The effective way to solve this problem is to provide a layer of abstract API on top of these two data structures.
It's a little mysterious. In fact, it's very simple, that is, try to make the main methods of LRU get and put avoid directly operating the details of map and cache. We can implement the following functions first:
/* Promote a key to the most recently used */
private void makeRecently(int key) {
Node x = map.get(key);
// First delete this node from the linked list
cache.remove(x);
// Back at the end of the line
cache.addLast(x);
}
/* Add recently used elements */
private void addRecently(int key, int val) {
Node x = new Node(key, val);
// The tail of the linked list is the most recently used element
cache.addLast(x);
// Don't forget to add the key mapping in the map
map.put(key, x);
}
/* Delete a key */
private void deleteKey(int key) {
Node x = map.get(key);
// Delete from linked list
cache.remove(x);
// Remove from map
map.remove(key);
}
/* Delete the longest unused element */
private void removeLeastRecently() {
// The first element in the head of the linked list is the one that has not been used for the longest time
Node deletedNode = cache.removeFirst();
// At the same time, don't forget to delete its key from the map
int deletedKey = deletedNode.key;
map.remove(deletedKey);
}
Here we can answer the previous question "why should we store key and val in the linked list at the same time, rather than just Val". Note that in the removeLeastRecently function, we need to use deletedNode to get deletedKey.
In other words, when the cache capacity is full, we should not only delete the last Node, but also delete the key mapped to the Node in the map at the same time, and this key can only be obtained by the Node.
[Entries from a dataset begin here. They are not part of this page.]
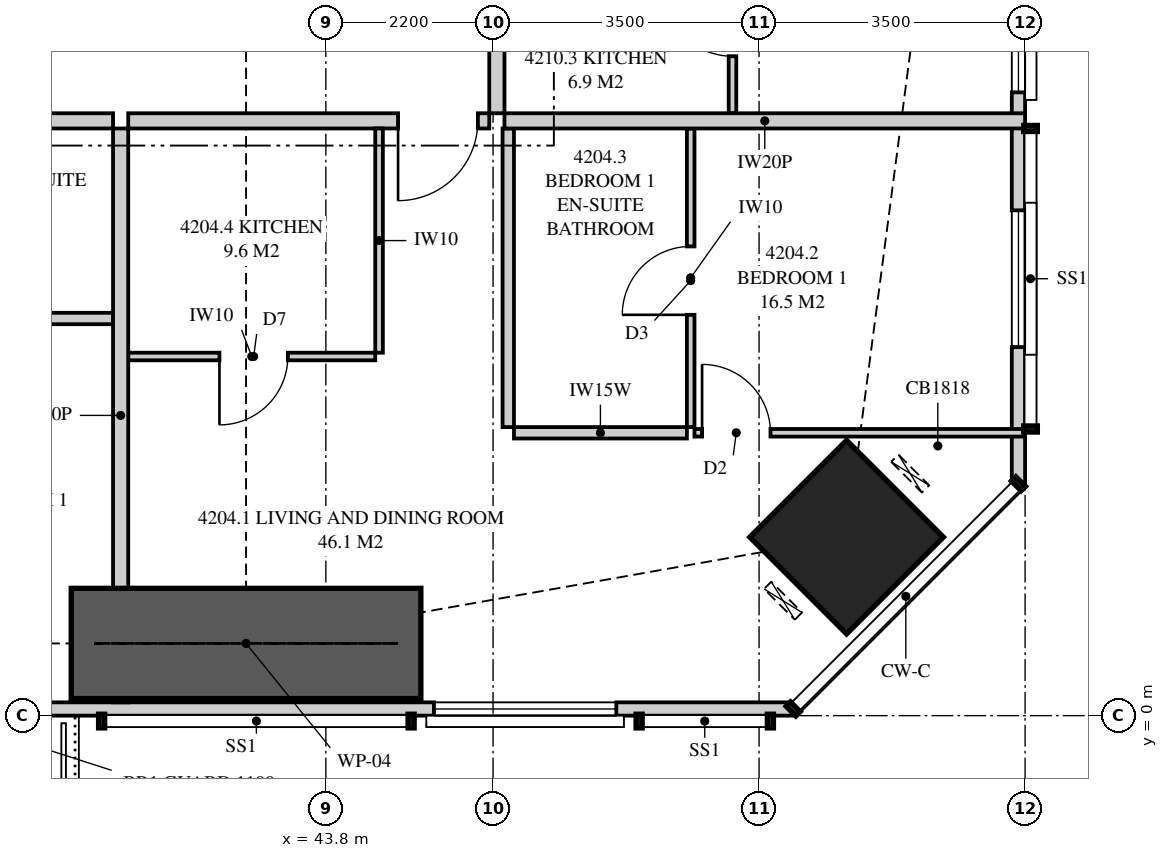
"""IFC4 building model, lengths in metres.
Left out: names, types, materials, properties, quantities, classifications, styles, units other than length and angle.
Written with IfcOpenShell. Run it as: python <this file> out.ifc"""

import sys

from ifc_helpers import new_model, si_unit, direction, frame, frame_2d, origin, origin_2d, place, context, subcontext, project, spatial, polyline, rectangle, hollow_rectangle, outline, extrude, element, fill, save


model = new_model("IFC4")
c1 = context("Model", 3, precision=1e-05, world=origin(), true_north=direction((0.0, 1.0)))
c2 = subcontext(c1, "Body", "Model", "MODEL_VIEW")
j1 = project(units=[si_unit("LENGTHUNIT", "METRE"), si_unit("PLANEANGLEUNIT", "RADIAN")], contexts=[c1])
p1 = place(None, origin())
s1 = spatial("IfcSite", under=j1, at=p1, CompositionType="ELEMENT")
p2 = place(p1, origin())
s2 = spatial("IfcBuilding", under=s1, at=p2, CompositionType="ELEMENT")
p3 = place(p2, frame((0.0, 0.0, 157.7)))
s3 = spatial("IfcBuildingStorey", under=s2, at=p3, CompositionType="ELEMENT", Elevation=157.7)
p4 = place(p3, frame((50.652, 2.348, 0.0), z_axis=(0.0, 0.0, 1.0), x_axis=(-0.707106781187, 0.707106781187, 0.0)))
e1 = element("IfcColumn", 1, at=p4, inside=s3, PredefinedType="COLUMN", context=c2, shape_type="SweptSolid", body=[
    extrude(hollow_rectangle(XDim=1.8, YDim=1.8, WallThickness=0.125, at=origin_2d()), origin(), (0.0, 0.0, 1.0), 3.35),
])
p5 = place(p3, frame((15.051, 0.087, 0.0), z_axis=(0.0, 0.0, 1.0), x_axis=(1.0, 0.0, 0.0)))
e2 = element("IfcWall", 2, at=p5, inside=s3, PredefinedType="SOLIDWALL", context=c2, shape_type="SweptSolid", body=[
    extrude(outline(polyline([(0.0, 0.0), (34.897, 0.0), (34.897, 3.11), (27.91, 3.11), (27.91, 2.15), (27.836, 2.15), (27.836, 3.11), (27.699, 3.11), (27.699, 2.15), (7.199, 2.15), (7.199, 3.11), (7.062, 3.11), (7.062, 2.15), (6.987, 2.15), (6.987, 3.11), (0.0, 3.11), (0.0, 0.0)])), frame((0.0, 0.087, 0.0), z_axis=(0.0, -1.0, 0.0), x_axis=(1.0, 0.0, 0.0)), (0.0, 0.0, 1.0), 0.175),
])
p6 = place(p5, frame((1.625, 0.0, 0.4)))
e3 = element("IfcOpeningElement", 3, at=p6, cuts=e2, PredefinedType="OPENING", context=c2, shape_type="SweptSolid", body=[
    extrude(rectangle(XDim=2.4, YDim=1.7, at=frame_2d((1.2, 0.85))), frame((0.0, 0.097, 0.0), z_axis=(0.0, -1.0, 0.0), x_axis=(1.0, 0.0, 0.0)), (0.0, 0.0, 1.0), 0.195),
])
p7 = place(p5, frame((10.399, 0.0, 0.0)))
e4 = element("IfcOpeningElement", 4, at=p7, cuts=e2, PredefinedType="OPENING", context=c2, shape_type="SweptSolid", body=[
    extrude(rectangle(XDim=1.8, YDim=2.1, at=frame_2d((0.9, 1.05))), frame((0.0, 0.097, 0.0), z_axis=(0.0, -1.0, 0.0), x_axis=(1.0, 0.0, 0.0)), (0.0, 0.0, 1.0), 0.195),
])
p8 = place(p5, frame((13.224, 0.0, 0.4)))
e5 = element("IfcOpeningElement", 5, at=p8, cuts=e2, PredefinedType="OPENING", context=c2, shape_type="SweptSolid", body=[
    extrude(rectangle(XDim=1.8, YDim=1.7, at=frame_2d((0.9, 0.85))), frame((0.0, 0.097, 0.0), z_axis=(0.0, -1.0, 0.0), x_axis=(1.0, 0.0, 0.0)), (0.0, 0.0, 1.0), 0.195),
])
p9 = place(p5, frame((19.849, 0.0, 0.4)))
e6 = element("IfcOpeningElement", 6, at=p9, cuts=e2, PredefinedType="OPENING", context=c2, shape_type="SweptSolid", body=[
    extrude(rectangle(XDim=2.4, YDim=1.7, at=frame_2d((1.2, 0.85))), frame((0.0, 0.097, 0.0), z_axis=(0.0, -1.0, 0.0), x_axis=(1.0, 0.0, 0.0)), (0.0, 0.0, 1.0), 0.195),
])
p10 = place(p5, frame((22.799, 0.0, 0.0)))
e7 = element("IfcOpeningElement", 7, at=p10, cuts=e2, PredefinedType="OPENING", context=c2, shape_type="SweptSolid", body=[
    extrude(rectangle(XDim=1.8, YDim=2.1, at=frame_2d((0.9, 1.05))), frame((0.0, 0.097, 0.0), z_axis=(0.0, -1.0, 0.0), x_axis=(1.0, 0.0, 0.0)), (0.0, 0.0, 1.0), 0.195),
])
p11 = place(p5, frame((30.17, 0.0, 0.4)))
e8 = element("IfcOpeningElement", 8, at=p11, cuts=e2, PredefinedType="OPENING", context=c2, shape_type="SweptSolid", body=[
    extrude(rectangle(XDim=2.4, YDim=1.7, at=frame_2d((1.2, 0.85))), frame((0.0, 0.097, 0.0), z_axis=(0.0, -1.0, 0.0), x_axis=(1.0, 0.0, 0.0)), (0.0, 0.0, 1.0), 0.195),
])
p12 = place(p3, frame((52.913, 3.051, 0.0), z_axis=(0.0, 0.0, 1.0), x_axis=(0.0, 1.0, 0.0)))
e9 = element("IfcWall", 9, at=p12, inside=s3, PredefinedType="SOLIDWALL", context=c2, shape_type="SweptSolid", body=[
    extrude(outline(polyline([(0.0, 0.0), (29.897, 0.0), (29.897, 3.11), (22.167, 3.11), (22.167, 2.15), (22.074, 2.15), (22.074, 3.11), (21.949, 3.11), (21.949, 2.15), (9.949, 2.15), (9.949, 3.11), (9.847, 3.11), (9.847, 2.15), (9.706, 2.15), (9.706, 3.11), (0.0, 3.11), (0.0, 0.0)])), frame((0.0, 0.087, 0.0), z_axis=(0.0, -1.0, 0.0), x_axis=(1.0, 0.0, 0.0)), (0.0, 0.0, 1.0), 0.175),
])
p13 = place(p12, frame((1.797, 0.0, 0.4)))
e10 = element("IfcOpeningElement", 10, at=p13, cuts=e9, PredefinedType="OPENING", context=c2, shape_type="SweptSolid", body=[
    extrude(rectangle(XDim=1.8, YDim=1.7, at=frame_2d((0.9, 0.85))), frame((0.0, 0.097, 0.0), z_axis=(0.0, -1.0, 0.0), x_axis=(1.0, 0.0, 0.0)), (0.0, 0.0, 1.0), 0.195),
])
p14 = place(p12, frame((5.149, 0.0, 0.4)))
e11 = element("IfcOpeningElement", 11, at=p14, cuts=e9, PredefinedType="OPENING", context=c2, shape_type="SweptSolid", body=[
    extrude(rectangle(XDim=2.4, YDim=1.7, at=frame_2d((1.2, 0.85))), frame((0.0, 0.097, 0.0), z_axis=(0.0, -1.0, 0.0), x_axis=(1.0, 0.0, 0.0)), (0.0, 0.0, 1.0), 0.195),
])
p15 = place(p12, frame((15.274, 0.0, 0.0)))
e12 = element("IfcOpeningElement", 12, at=p15, cuts=e9, PredefinedType="OPENING", context=c2, shape_type="SweptSolid", body=[
    extrude(rectangle(XDim=1.8, YDim=2.1, at=frame_2d((0.9, 1.05))), frame((0.0, 0.097, 0.0), z_axis=(0.0, -1.0, 0.0), x_axis=(1.0, 0.0, 0.0)), (0.0, 0.0, 1.0), 0.195),
])
p16 = place(p12, frame((12.349, 0.0, 0.4)))
e13 = element("IfcOpeningElement", 13, at=p16, cuts=e9, PredefinedType="OPENING", context=c2, shape_type="SweptSolid", body=[
    extrude(rectangle(XDim=2.4, YDim=1.7, at=frame_2d((1.2, 0.85))), frame((0.0, 0.097, 0.0), z_axis=(0.0, -1.0, 0.0), x_axis=(1.0, 0.0, 0.0)), (0.0, 0.0, 1.0), 0.195),
])
p17 = place(p12, frame((24.373, 0.0, 0.4)))
e14 = element("IfcOpeningElement", 14, at=p17, cuts=e9, PredefinedType="OPENING", context=c2, shape_type="SweptSolid", body=[
    extrude(rectangle(XDim=1.2, YDim=1.7, at=frame_2d((0.6, 0.85))), frame((0.0, 0.097, 0.0), z_axis=(0.0, -1.0, 0.0), x_axis=(1.0, 0.0, 0.0)), (0.0, 0.0, 1.0), 0.195),
])
p18 = place(p12, frame((26.801, 0.0, 0.4)))
e15 = element("IfcOpeningElement", 15, at=p18, cuts=e9, PredefinedType="OPENING", context=c2, shape_type="SweptSolid", body=[
    extrude(rectangle(XDim=1.8, YDim=1.7, at=frame_2d((0.9, 0.85))), frame((0.0, 0.097, 0.0), z_axis=(0.0, -1.0, 0.0), x_axis=(1.0, 0.0, 0.0)), (0.0, 0.0, 1.0), 0.195),
])
p19 = place(p3, frame((41.1, 0.175, 0.0), z_axis=(0.0, 0.0, 1.0), x_axis=(0.0, 1.0, 0.0)))
e16 = element("IfcWall", 16, at=p19, inside=s3, PredefinedType="PARTITIONING", context=c2, shape_type="SweptSolid", body=[
    extrude(outline(polyline([(0.529, 2.15), (0.0, 2.15), (0.0, 0.0), (0.529, 0.0), (0.529, 0.165), (1.021, 0.165), (1.021, 0.0), (7.55, 0.0), (7.55, 3.11), (1.685, 3.11), (1.685, 2.15), (1.021, 2.15), (1.021, 1.985), (0.529, 1.985), (0.529, 2.15)])), frame((0.0, 0.1, 0.0), z_axis=(0.0, -1.0, 0.0), x_axis=(1.0, 0.0, 0.0)), (0.0, 0.0, 1.0), 0.2),
])
p20 = place(p3, frame((37.55, 5.225, 0.0), z_axis=(0.0, 0.0, 1.0), x_axis=(1.0, 0.0, 0.0)))
e17 = element("IfcWall", 17, at=p20, inside=s3, PredefinedType="PLUMBINGWALL", context=c2, shape_type="SweptSolid", body=[
    extrude(rectangle(XDim=3.45, YDim=0.15, at=frame_2d((1.725, 0.0))), origin(), (0.0, 0.0, 1.0), 3.11),
])
p21 = place(p20, frame((0.4, 0.0, 0.0)))
e18 = element("IfcOpeningElement", 18, at=p21, cuts=e17, PredefinedType="OPENING", context=c2, shape_type="SweptSolid", body=[
    extrude(rectangle(XDim=0.9, YDim=2.1, at=frame_2d((0.45, 1.05))), frame((0.0, 0.085, 0.0), z_axis=(0.0, -1.0, 0.0), x_axis=(1.0, 0.0, 0.0)), (0.0, 0.0, 1.0), 0.17),
])
p22 = place(p3, frame((41.2, 7.825, 0.0), z_axis=(0.0, 0.0, 1.0), x_axis=(1.0, 0.0, 0.0)))
e19 = element("IfcWall", 19, at=p22, inside=s3, PredefinedType="PARTITIONING", context=c2, shape_type="SweptSolid", body=[
    extrude(outline(polyline([(0.0, 0.0), (4.75, 0.0), (4.75, 3.11), (1.896, 3.11), (1.896, 2.531), (1.204, 2.531), (1.204, 3.11), (0.0, 3.11), (0.0, 0.0)])), frame((0.0, 0.1, 0.0), z_axis=(0.0, -1.0, 0.0), x_axis=(1.0, 0.0, 0.0)), (0.0, 0.0, 1.0), 0.2),
])
p23 = place(p22, frame((3.55, 0.0, 0.0)))
e20 = element("IfcOpeningElement", 20, at=p23, cuts=e19, PredefinedType="OPENING", context=c2, shape_type="SweptSolid", body=[
    extrude(rectangle(XDim=1.05, YDim=2.2, at=frame_2d((0.525, 1.1))), frame((0.0, 0.11, 0.0), z_axis=(0.0, -1.0, 0.0), x_axis=(1.0, 0.0, 0.0)), (0.0, 0.0, 1.0), 0.22),
])
p24 = place(p3, frame((48.6, 3.796, 0.0), z_axis=(0.0, 0.0, 1.0), x_axis=(0.0, 1.0, 0.0)))
e21 = element("IfcWall", 21, at=p24, inside=s3, PredefinedType="PARTITIONING", context=c2, shape_type="SweptSolid", body=[
    extrude(rectangle(XDim=3.929, YDim=0.1, at=frame_2d((1.964, 0.0))), origin(), (0.0, 0.0, 1.0), 3.11),
])
p25 = place(p24, frame((1.477, 0.0, 0.0)))
e22 = element("IfcOpeningElement", 22, at=p25, cuts=e21, PredefinedType="OPENING", context=c2, shape_type="SweptSolid", body=[
    extrude(rectangle(XDim=0.9, YDim=2.1, at=frame_2d((0.45, 1.05))), frame((0.0, 0.06, 0.0), z_axis=(0.0, -1.0, 0.0), x_axis=(1.0, 0.0, 0.0)), (0.0, 0.0, 1.0), 0.12),
])
p26 = place(p3, frame((48.65, 3.721, 0.0), z_axis=(0.0, 0.0, 1.0), x_axis=(1.0, 0.0, 0.0)))
e23 = element("IfcWall", 23, at=p26, inside=s3, PredefinedType="PARTITIONING", context=c2, shape_type="SweptSolid", body=[
    extrude(outline(polyline([(0.0, 0.0), (4.35, 0.0), (4.35, 3.11), (3.049, 3.11), (3.049, 2.15), (1.314, 2.15), (1.314, 3.11), (0.0, 3.11), (0.0, 0.0)])), frame((0.0, 0.05, 0.0), z_axis=(0.0, -1.0, 0.0), x_axis=(1.0, 0.0, 0.0)), (0.0, 0.0, 1.0), 0.1),
])
p27 = place(p26, frame((0.1, 0.0, 0.0)))
e24 = element("IfcOpeningElement", 24, at=p27, cuts=e23, PredefinedType="OPENING", context=c2, shape_type="SweptSolid", body=[
    extrude(rectangle(XDim=0.9, YDim=2.1, at=frame_2d((0.45, 1.05))), frame((0.0, 0.06, 0.0), z_axis=(0.0, -1.0, 0.0), x_axis=(1.0, 0.0, 0.0)), (0.0, 0.0, 1.0), 0.12),
])
p28 = place(p3, frame((46.275, 3.721, 0.0), z_axis=(0.0, 0.0, 1.0), x_axis=(1.0, 0.0, 0.0)))
e25 = element("IfcWall", 25, at=p28, inside=s3, PredefinedType="PLUMBINGWALL", context=c2, shape_type="SweptSolid", body=[
    extrude(rectangle(XDim=2.275, YDim=0.15, at=frame_2d((1.138, 0.0))), origin(), (0.0, 0.0, 1.0), 3.11),
])
p29 = place(p3, frame((46.2, 3.796, 0.0), z_axis=(0.0, 0.0, 1.0), x_axis=(0.0, 1.0, 0.0)))
e26 = element("IfcWall", 26, at=p29, inside=s3, PredefinedType="PLUMBINGWALL", context=c2, shape_type="SweptSolid", body=[
    extrude(rectangle(XDim=3.929, YDim=0.15, at=frame_2d((1.964, 0.0))), origin(), (0.0, 0.0, 1.0), 3.11),
])
p30 = place(p3, frame((41.2, 4.725, 0.0), z_axis=(0.0, 0.0, 1.0), x_axis=(1.0, 0.0, 0.0)))
e27 = element("IfcWall", 27, at=p30, inside=s3, PredefinedType="PARTITIONING", context=c2, shape_type="SweptSolid", body=[
    extrude(outline(polyline([(0.0, 0.0), (3.25, 0.0), (3.25, 3.11), (1.846, 3.11), (1.846, 2.531), (1.254, 2.531), (1.254, 3.11), (0.0, 3.11), (0.0, 0.0)])), frame((0.0, 0.05, 0.0), z_axis=(0.0, -1.0, 0.0), x_axis=(1.0, 0.0, 0.0)), (0.0, 0.0, 1.0), 0.1),
])
p31 = place(p30, frame((1.2, 0.0, 0.0)))
e28 = element("IfcOpeningElement", 28, at=p31, cuts=e27, PredefinedType="OPENING", context=c2, shape_type="SweptSolid", body=[
    extrude(rectangle(XDim=0.9, YDim=2.1, at=frame_2d((0.45, 1.05))), frame((0.0, 0.06, 0.0), z_axis=(0.0, -1.0, 0.0), x_axis=(1.0, 0.0, 0.0)), (0.0, 0.0, 1.0), 0.12),
])
p32 = place(p3, frame((44.5, 4.775, 0.0), z_axis=(0.0, 0.0, 1.0), x_axis=(0.0, 1.0, 0.0)))
e29 = element("IfcWall", 29, at=p32, inside=s3, PredefinedType="PARTITIONING", context=c2, shape_type="SweptSolid", body=[
    extrude(rectangle(XDim=2.95, YDim=0.1, at=frame_2d((1.475, 0.0))), origin(), (0.0, 0.0, 1.0), 3.11),
])
p33 = place(p3, frame((46.15, 7.825, 0.0), z_axis=(0.0, 0.0, 1.0), x_axis=(1.0, 0.0, 0.0)))
e30 = element("IfcWall", 30, at=p33, inside=s3, PredefinedType="PARTITIONING", context=c2, shape_type="SweptSolid", body=[
    extrude(outline(polyline([(0.0, 0.0), (6.85, 0.0), (6.85, 3.11), (6.138, 3.11), (6.138, 2.15), (4.303, 2.15), (4.303, 3.11), (0.0, 3.11), (0.0, 0.0)])), frame((0.0, 0.1, 0.0), z_axis=(0.0, -1.0, 0.0), x_axis=(1.0, 0.0, 0.0)), (0.0, 0.0, 1.0), 0.2),
])
p34 = place(p3, frame((46.05, 7.925, 0.0), z_axis=(0.0, 0.0, 1.0), x_axis=(0.0, 1.0, 0.0)))
e31 = element("IfcWall", 31, at=p34, inside=s3, PredefinedType="PARTITIONING", context=c2, shape_type="SweptSolid", body=[
    extrude(outline(polyline([(0.0, 0.0), (6.475, 0.0), (6.475, 3.11), (5.421, 3.11), (5.421, 2.531), (4.729, 2.531), (4.729, 3.11), (0.0, 3.11), (0.0, 0.0)])), frame((0.0, 0.1, 0.0), z_axis=(0.0, -1.0, 0.0), x_axis=(1.0, 0.0, 0.0)), (0.0, 0.0, 1.0), 0.2),
])
p35 = place(p34, frame((2.738, 0.0, 0.0)))
e32 = element("IfcOpeningElement", 32, at=p35, cuts=e31, PredefinedType="OPENING", context=c2, shape_type="SweptSolid", body=[
    extrude(rectangle(XDim=1.05, YDim=2.2, at=frame_2d((0.525, 1.1))), frame((0.0, 0.11, 0.0), z_axis=(0.0, -1.0, 0.0), x_axis=(1.0, 0.0, 0.0)), (0.0, 0.0, 1.0), 0.22),
])
p36 = place(p3, frame((49.15, 7.925, 0.0), z_axis=(0.0, 0.0, 1.0), x_axis=(0.0, 1.0, 0.0)))
e33 = element("IfcWall", 33, at=p36, inside=s3, PredefinedType="PARTITIONING", context=c2, shape_type="SweptSolid", body=[
    extrude(rectangle(XDim=2.35, YDim=0.1, at=frame_2d((1.175, 0.0))), origin(), (0.0, 0.0, 1.0), 3.11),
])
p37 = place(p36, frame((0.75, 0.0, 0.0)))
e34 = element("IfcOpeningElement", 34, at=p37, cuts=e33, PredefinedType="OPENING", context=c2, shape_type="SweptSolid", body=[
    extrude(rectangle(XDim=0.9, YDim=2.1, at=frame_2d((0.45, 1.05))), frame((0.0, 0.06, 0.0), z_axis=(0.0, -1.0, 0.0), x_axis=(1.0, 0.0, 0.0)), (0.0, 0.0, 1.0), 0.12),
])
p38 = place(p3, frame((37.25, 7.825, 0.0), z_axis=(0.0, 0.0, 1.0), x_axis=(1.0, 0.0, 0.0)))
e35 = element("IfcWall", 35, at=p38, inside=s3, PredefinedType="PARTITIONING", context=c2, shape_type="SweptSolid", body=[
    extrude(rectangle(XDim=3.75, YDim=0.2, at=frame_2d((1.875, 0.0))), origin(), (0.0, 0.0, 1.0), 3.11),
])
p39 = place(p3, frame((40.45, 0.95, 0.0), z_axis=(0.0, 0.0, 1.0), x_axis=(1.0, 0.0, 0.0)))
e36 = element("IfcWall", 36, at=p39, inside=s3, PredefinedType="SHEAR", context=c2, shape_type="SweptSolid", body=[
    extrude(rectangle(XDim=4.6, YDim=1.45, at=frame_2d((2.3, 0.0))), origin(), (0.0, 0.0, 1.0), 3.35),
])
p40 = place(p11, origin())
e37 = element("IfcWindow", 37, at=p40, inside=s3, PartitioningType="SINGLE_PANEL", PredefinedType="WINDOW", context=c2, shape_type="SweptSolid", body=[
    extrude(rectangle(XDim=2.4, YDim=1.7, at=frame_2d((1.2, 0.85))), frame((0.0, 0.03, 0.0), z_axis=(0.0, -1.0, 0.0), x_axis=(1.0, 0.0, 0.0)), (0.0, 0.0, 1.0), 0.06),
])
fill(e8, e37)
p41 = place(p13, origin())
e38 = element("IfcWindow", 38, at=p41, inside=s3, PartitioningType="SINGLE_PANEL", PredefinedType="WINDOW", context=c2, shape_type="SweptSolid", body=[
    extrude(rectangle(XDim=1.8, YDim=1.7, at=frame_2d((0.9, 0.85))), frame((0.0, 0.03, 0.0), z_axis=(0.0, -1.0, 0.0), x_axis=(1.0, 0.0, 0.0)), (0.0, 0.0, 1.0), 0.06),
])
fill(e10, e38)
p42 = place(p14, origin())
e39 = element("IfcWindow", 39, at=p42, inside=s3, PartitioningType="SINGLE_PANEL", PredefinedType="WINDOW", context=c2, shape_type="SweptSolid", body=[
    extrude(rectangle(XDim=2.4, YDim=1.7, at=frame_2d((1.2, 0.85))), frame((0.0, 0.03, 0.0), z_axis=(0.0, -1.0, 0.0), x_axis=(1.0, 0.0, 0.0)), (0.0, 0.0, 1.0), 0.06),
])
fill(e11, e39)
p43 = place(p23, frame((1.05, 0.0, 0.0), z_axis=(0.0, 0.0, 1.0), x_axis=(-1.0, 0.0, 0.0)))
e40 = element("IfcDoor", 40, at=p43, inside=s3, OperationType="SINGLE_SWING_RIGHT", PredefinedType="DOOR", context=c2, shape_type="SweptSolid", body=[
    extrude(rectangle(XDim=1.05, YDim=2.2, at=frame_2d((0.525, 1.1))), frame((0.0, 0.025, 0.0), z_axis=(0.0, -1.0, 0.0), x_axis=(1.0, 0.0, 0.0)), (0.0, 0.0, 1.0), 0.05),
])
fill(e20, e40)
p44 = place(p27, origin())
e41 = element("IfcDoor", 41, at=p44, inside=s3, OperationType="SINGLE_SWING_LEFT", PredefinedType="DOOR", context=c2, shape_type="SweptSolid", body=[
    extrude(rectangle(XDim=0.9, YDim=2.1, at=frame_2d((0.45, 1.05))), frame((0.0, 0.025, 0.0), z_axis=(0.0, -1.0, 0.0), x_axis=(1.0, 0.0, 0.0)), (0.0, 0.0, 1.0), 0.05),
])
fill(e24, e41)
p45 = place(p25, origin())
e42 = element("IfcDoor", 42, at=p45, inside=s3, OperationType="SINGLE_SWING_LEFT", PredefinedType="DOOR", context=c2, shape_type="SweptSolid", body=[
    extrude(rectangle(XDim=0.9, YDim=2.1, at=frame_2d((0.45, 1.05))), frame((0.0, 0.025, 0.0), z_axis=(0.0, -1.0, 0.0), x_axis=(1.0, 0.0, 0.0)), (0.0, 0.0, 1.0), 0.05),
])
fill(e22, e42)
p46 = place(p31, frame((0.9, 0.0, 0.0), z_axis=(0.0, 0.0, 1.0), x_axis=(-1.0, 0.0, 0.0)))
e43 = element("IfcDoor", 43, at=p46, inside=s3, OperationType="SINGLE_SWING_RIGHT", PredefinedType="DOOR", context=c2, shape_type="SweptSolid", body=[
    extrude(rectangle(XDim=0.9, YDim=2.1, at=frame_2d((0.45, 1.05))), frame((0.0, 0.025, 0.0), z_axis=(0.0, -1.0, 0.0), x_axis=(1.0, 0.0, 0.0)), (0.0, 0.0, 1.0), 0.05),
])
fill(e28, e43)
p47 = place(p37, origin())
e44 = element("IfcDoor", 44, at=p47, inside=s3, OperationType="SINGLE_SWING_RIGHT", PredefinedType="DOOR", context=c2, shape_type="SweptSolid", body=[
    extrude(rectangle(XDim=0.9, YDim=2.1, at=frame_2d((0.45, 1.05))), frame((0.0, 0.025, 0.0), z_axis=(0.0, -1.0, 0.0), x_axis=(1.0, 0.0, 0.0)), (0.0, 0.0, 1.0), 0.05),
])
fill(e34, e44)
save(model, sys.argv[1])

If only val is stored in the Node structure, we cannot know what the key is, and we cannot delete the key in the map, resulting in an error.
The above methods are simple operation encapsulation. Calling these functions can avoid directly operating the cache linked list and map hash table. Let me first implement the get method of LRU algorithm:
public int get(int key) {
if (!map.containsKey(key)) {
return -1;
}
// Promote this data to the most recently used
makeRecently(key);
return map.get(key).val;
}
The put method is a little more complicated. Let's draw a diagram to clarify its logic:
In this way, we can easily write the code of the put method:
public void put(int key, int val) {
if (map.containsKey(key)) {
// Delete old data
deleteKey(key);
// The newly inserted data is the most recently used data
addRecently(key, val);
return;
}
if (cap == cache.size()) {
// Delete the longest unused element
removeLeastRecently();
}
// Add as recently used element
addRecently(key, val);
}
By now, you should have fully mastered the principle and implementation of LRU algorithm
Complete implementation code
/**
* @author xiexu
* @create 2022-01-26 11:05 morning
*/
public class _146_LRU cache {
}
class Node {
public int key, val;
public Node next, prev;
public Node(int k, int v) {
this.key = k;
this.val = v;
}
}
class DoubleList {
// Head tail virtual node
private Node head, tail;
// Number of linked list elements
private int size;
public DoubleList() {
// Initialize the data of the two-way linked list
head = new Node(0, 0);
tail = new Node(0, 0);
head.next = tail;
tail.prev = head;
size = 0;
}
// Add node x at the end of the linked list, time complexity O(1)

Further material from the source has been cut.